Le premier, réduit à ses fondations (9,60 x 8 m) et à quelques blocs effondrés des assises supérieures, était construit en élévation au-dessus du sol. Un rapide examen des fragments architecturaux invite à le dater du troisième quart du IVe siècle av. J.-C. Sa destination n'est pas absolument claire, mais il semble qu'il s'agisse d'un sanctuaire plutôt que d'une tombe.

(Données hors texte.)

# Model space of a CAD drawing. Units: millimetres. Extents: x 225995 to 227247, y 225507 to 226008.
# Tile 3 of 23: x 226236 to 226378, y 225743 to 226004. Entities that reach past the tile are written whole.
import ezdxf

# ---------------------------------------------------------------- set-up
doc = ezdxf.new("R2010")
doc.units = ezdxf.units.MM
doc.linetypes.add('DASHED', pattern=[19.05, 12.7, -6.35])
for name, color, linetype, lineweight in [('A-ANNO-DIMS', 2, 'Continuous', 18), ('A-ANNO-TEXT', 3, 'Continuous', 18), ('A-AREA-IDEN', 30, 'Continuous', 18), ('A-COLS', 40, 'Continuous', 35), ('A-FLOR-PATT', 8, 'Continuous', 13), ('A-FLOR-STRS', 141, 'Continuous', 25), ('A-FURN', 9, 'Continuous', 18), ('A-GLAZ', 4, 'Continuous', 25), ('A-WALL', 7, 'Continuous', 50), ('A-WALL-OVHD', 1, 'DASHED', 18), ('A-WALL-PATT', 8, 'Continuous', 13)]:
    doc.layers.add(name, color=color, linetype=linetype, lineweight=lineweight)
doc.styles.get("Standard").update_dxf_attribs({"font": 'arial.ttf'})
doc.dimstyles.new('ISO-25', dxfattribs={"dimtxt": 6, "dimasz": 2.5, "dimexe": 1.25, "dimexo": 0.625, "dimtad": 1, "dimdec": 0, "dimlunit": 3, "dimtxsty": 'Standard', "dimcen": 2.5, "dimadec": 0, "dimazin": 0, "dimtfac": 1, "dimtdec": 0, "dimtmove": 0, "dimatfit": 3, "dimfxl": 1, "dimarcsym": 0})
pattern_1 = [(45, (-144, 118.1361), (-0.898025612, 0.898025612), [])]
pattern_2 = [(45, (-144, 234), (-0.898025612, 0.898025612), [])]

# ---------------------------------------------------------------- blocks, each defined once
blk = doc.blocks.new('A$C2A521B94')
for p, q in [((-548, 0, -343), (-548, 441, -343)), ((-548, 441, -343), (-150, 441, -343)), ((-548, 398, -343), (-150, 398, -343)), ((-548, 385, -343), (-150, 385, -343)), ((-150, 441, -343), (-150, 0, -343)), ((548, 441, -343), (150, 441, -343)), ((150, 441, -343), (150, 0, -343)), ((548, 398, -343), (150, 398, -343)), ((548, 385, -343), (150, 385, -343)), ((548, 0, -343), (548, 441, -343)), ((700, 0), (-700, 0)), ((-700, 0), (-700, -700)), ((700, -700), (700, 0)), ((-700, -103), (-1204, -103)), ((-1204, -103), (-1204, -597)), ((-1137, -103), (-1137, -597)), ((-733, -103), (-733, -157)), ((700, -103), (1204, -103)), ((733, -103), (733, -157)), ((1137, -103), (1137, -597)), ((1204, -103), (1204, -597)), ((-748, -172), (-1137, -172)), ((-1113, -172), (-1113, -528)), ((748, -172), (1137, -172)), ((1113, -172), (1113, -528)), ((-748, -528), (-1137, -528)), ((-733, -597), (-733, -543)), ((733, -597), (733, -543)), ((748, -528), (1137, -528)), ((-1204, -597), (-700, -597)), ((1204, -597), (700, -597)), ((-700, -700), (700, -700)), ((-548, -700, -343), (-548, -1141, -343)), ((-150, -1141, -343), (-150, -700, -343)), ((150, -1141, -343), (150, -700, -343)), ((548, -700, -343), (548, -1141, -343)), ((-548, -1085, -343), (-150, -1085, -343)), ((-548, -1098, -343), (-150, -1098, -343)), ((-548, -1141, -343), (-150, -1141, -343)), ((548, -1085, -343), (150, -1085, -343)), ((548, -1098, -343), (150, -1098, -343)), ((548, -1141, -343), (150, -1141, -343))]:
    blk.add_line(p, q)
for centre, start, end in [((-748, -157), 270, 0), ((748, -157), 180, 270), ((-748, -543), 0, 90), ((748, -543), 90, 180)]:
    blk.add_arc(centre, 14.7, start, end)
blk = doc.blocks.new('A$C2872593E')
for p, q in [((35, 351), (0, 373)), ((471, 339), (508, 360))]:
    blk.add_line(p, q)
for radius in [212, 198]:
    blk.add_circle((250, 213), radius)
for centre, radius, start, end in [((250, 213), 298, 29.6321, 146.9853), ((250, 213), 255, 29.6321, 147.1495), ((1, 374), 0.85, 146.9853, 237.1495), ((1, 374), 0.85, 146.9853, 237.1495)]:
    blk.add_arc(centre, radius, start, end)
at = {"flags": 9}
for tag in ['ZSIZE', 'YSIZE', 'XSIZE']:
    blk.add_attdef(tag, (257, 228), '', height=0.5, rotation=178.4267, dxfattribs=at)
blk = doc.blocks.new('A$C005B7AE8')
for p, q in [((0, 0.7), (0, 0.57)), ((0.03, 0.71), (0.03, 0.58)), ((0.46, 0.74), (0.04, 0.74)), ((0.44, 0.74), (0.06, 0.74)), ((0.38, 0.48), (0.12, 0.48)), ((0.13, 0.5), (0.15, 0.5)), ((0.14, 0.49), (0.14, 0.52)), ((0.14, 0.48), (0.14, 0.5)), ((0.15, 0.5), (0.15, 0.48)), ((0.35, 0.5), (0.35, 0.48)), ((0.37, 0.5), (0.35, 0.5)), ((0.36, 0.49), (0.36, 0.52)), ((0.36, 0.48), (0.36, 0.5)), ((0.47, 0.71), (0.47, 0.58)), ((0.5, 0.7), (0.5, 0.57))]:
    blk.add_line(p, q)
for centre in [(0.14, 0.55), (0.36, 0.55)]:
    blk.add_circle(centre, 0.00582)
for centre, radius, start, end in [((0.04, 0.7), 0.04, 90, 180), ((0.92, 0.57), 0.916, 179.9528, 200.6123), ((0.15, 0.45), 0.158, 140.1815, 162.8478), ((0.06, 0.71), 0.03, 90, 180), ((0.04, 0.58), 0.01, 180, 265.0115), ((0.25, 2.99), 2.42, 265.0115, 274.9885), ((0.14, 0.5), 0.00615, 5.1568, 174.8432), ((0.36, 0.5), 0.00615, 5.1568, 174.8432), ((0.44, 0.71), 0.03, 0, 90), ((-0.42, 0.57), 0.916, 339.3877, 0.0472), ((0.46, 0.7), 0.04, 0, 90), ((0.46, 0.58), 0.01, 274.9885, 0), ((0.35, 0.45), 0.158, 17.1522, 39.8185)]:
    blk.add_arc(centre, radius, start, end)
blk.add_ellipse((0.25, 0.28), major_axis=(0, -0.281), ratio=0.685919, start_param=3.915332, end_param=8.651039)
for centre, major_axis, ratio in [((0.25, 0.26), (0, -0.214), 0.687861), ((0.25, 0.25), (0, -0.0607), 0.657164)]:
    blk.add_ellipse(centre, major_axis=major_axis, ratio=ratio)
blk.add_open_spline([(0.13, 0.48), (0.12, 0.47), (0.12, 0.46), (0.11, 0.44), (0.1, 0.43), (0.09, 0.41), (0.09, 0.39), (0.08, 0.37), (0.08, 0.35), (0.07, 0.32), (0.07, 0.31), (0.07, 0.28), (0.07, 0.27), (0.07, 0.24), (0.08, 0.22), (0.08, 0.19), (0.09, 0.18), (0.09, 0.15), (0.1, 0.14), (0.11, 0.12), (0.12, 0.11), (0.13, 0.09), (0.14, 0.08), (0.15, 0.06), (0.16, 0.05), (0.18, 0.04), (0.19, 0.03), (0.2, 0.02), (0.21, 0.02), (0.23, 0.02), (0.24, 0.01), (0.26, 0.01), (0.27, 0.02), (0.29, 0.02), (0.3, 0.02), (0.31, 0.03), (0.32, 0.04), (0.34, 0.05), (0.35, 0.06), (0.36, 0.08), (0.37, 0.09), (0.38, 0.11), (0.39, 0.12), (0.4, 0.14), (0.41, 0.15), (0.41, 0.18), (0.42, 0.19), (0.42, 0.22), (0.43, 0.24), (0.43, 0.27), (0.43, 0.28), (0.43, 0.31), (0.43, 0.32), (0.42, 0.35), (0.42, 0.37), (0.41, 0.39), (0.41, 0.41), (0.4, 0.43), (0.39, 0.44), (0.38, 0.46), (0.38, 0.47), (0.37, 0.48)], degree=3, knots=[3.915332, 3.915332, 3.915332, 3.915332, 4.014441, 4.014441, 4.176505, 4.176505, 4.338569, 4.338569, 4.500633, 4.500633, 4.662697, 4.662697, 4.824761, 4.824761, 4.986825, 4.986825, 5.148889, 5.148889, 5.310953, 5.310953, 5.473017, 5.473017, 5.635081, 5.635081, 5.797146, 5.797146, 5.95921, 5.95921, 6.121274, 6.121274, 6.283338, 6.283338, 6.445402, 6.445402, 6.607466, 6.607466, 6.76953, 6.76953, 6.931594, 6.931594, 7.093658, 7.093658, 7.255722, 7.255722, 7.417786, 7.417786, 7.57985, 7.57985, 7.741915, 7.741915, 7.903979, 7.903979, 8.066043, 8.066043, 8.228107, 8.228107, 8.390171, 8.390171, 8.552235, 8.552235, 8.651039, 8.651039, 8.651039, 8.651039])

Les deux autres monuments étaient recouverts par un tumulus en terre rouge (identique à ceux de la nécropole de Vergina) que des fragments de céramique brûlée, associés à des ossements d'animaux calcinés, permettent de dater exactement de la même époque. Le tumulus mesure environ 20 m de diamètre et sa hauteur devait dépasser 4 m. L'une des deux tombes est une « ciste » (2,90 x 4,30 m) de construction particulièrement soignée, comme en témoigne le cadre d'anathyrose ménagé sur les dalles de couverture en pôros. Intégralement pillée, elle ne contenait plus que quelques tessons de plats estampés et les fragments d'une coquille en marbre, mais ses parois — à l'exception de la paroi Ouest — étaient décorées de fresques qui sont de véritables chefs- d'œuvre de « grande peinture ». Les trois silhouettes féminines qui ornent le long côté Nord et le personnage assis représenté sur le petit côté Est s'inscrivent dans la tradition classique telle que nous l'ont conservée les lécythes blancs de la fin du Ve siècle. Mais la grande fresque de la paroi Nord, qui représente Pluton enlevant Perséphone (fig. 147) résume tous les acquis de l'art pictural au cours du IVe siècle : conquête de l'espace, audace de la composition, valeur plastique des mouvements, jeu des couleurs et des lumières.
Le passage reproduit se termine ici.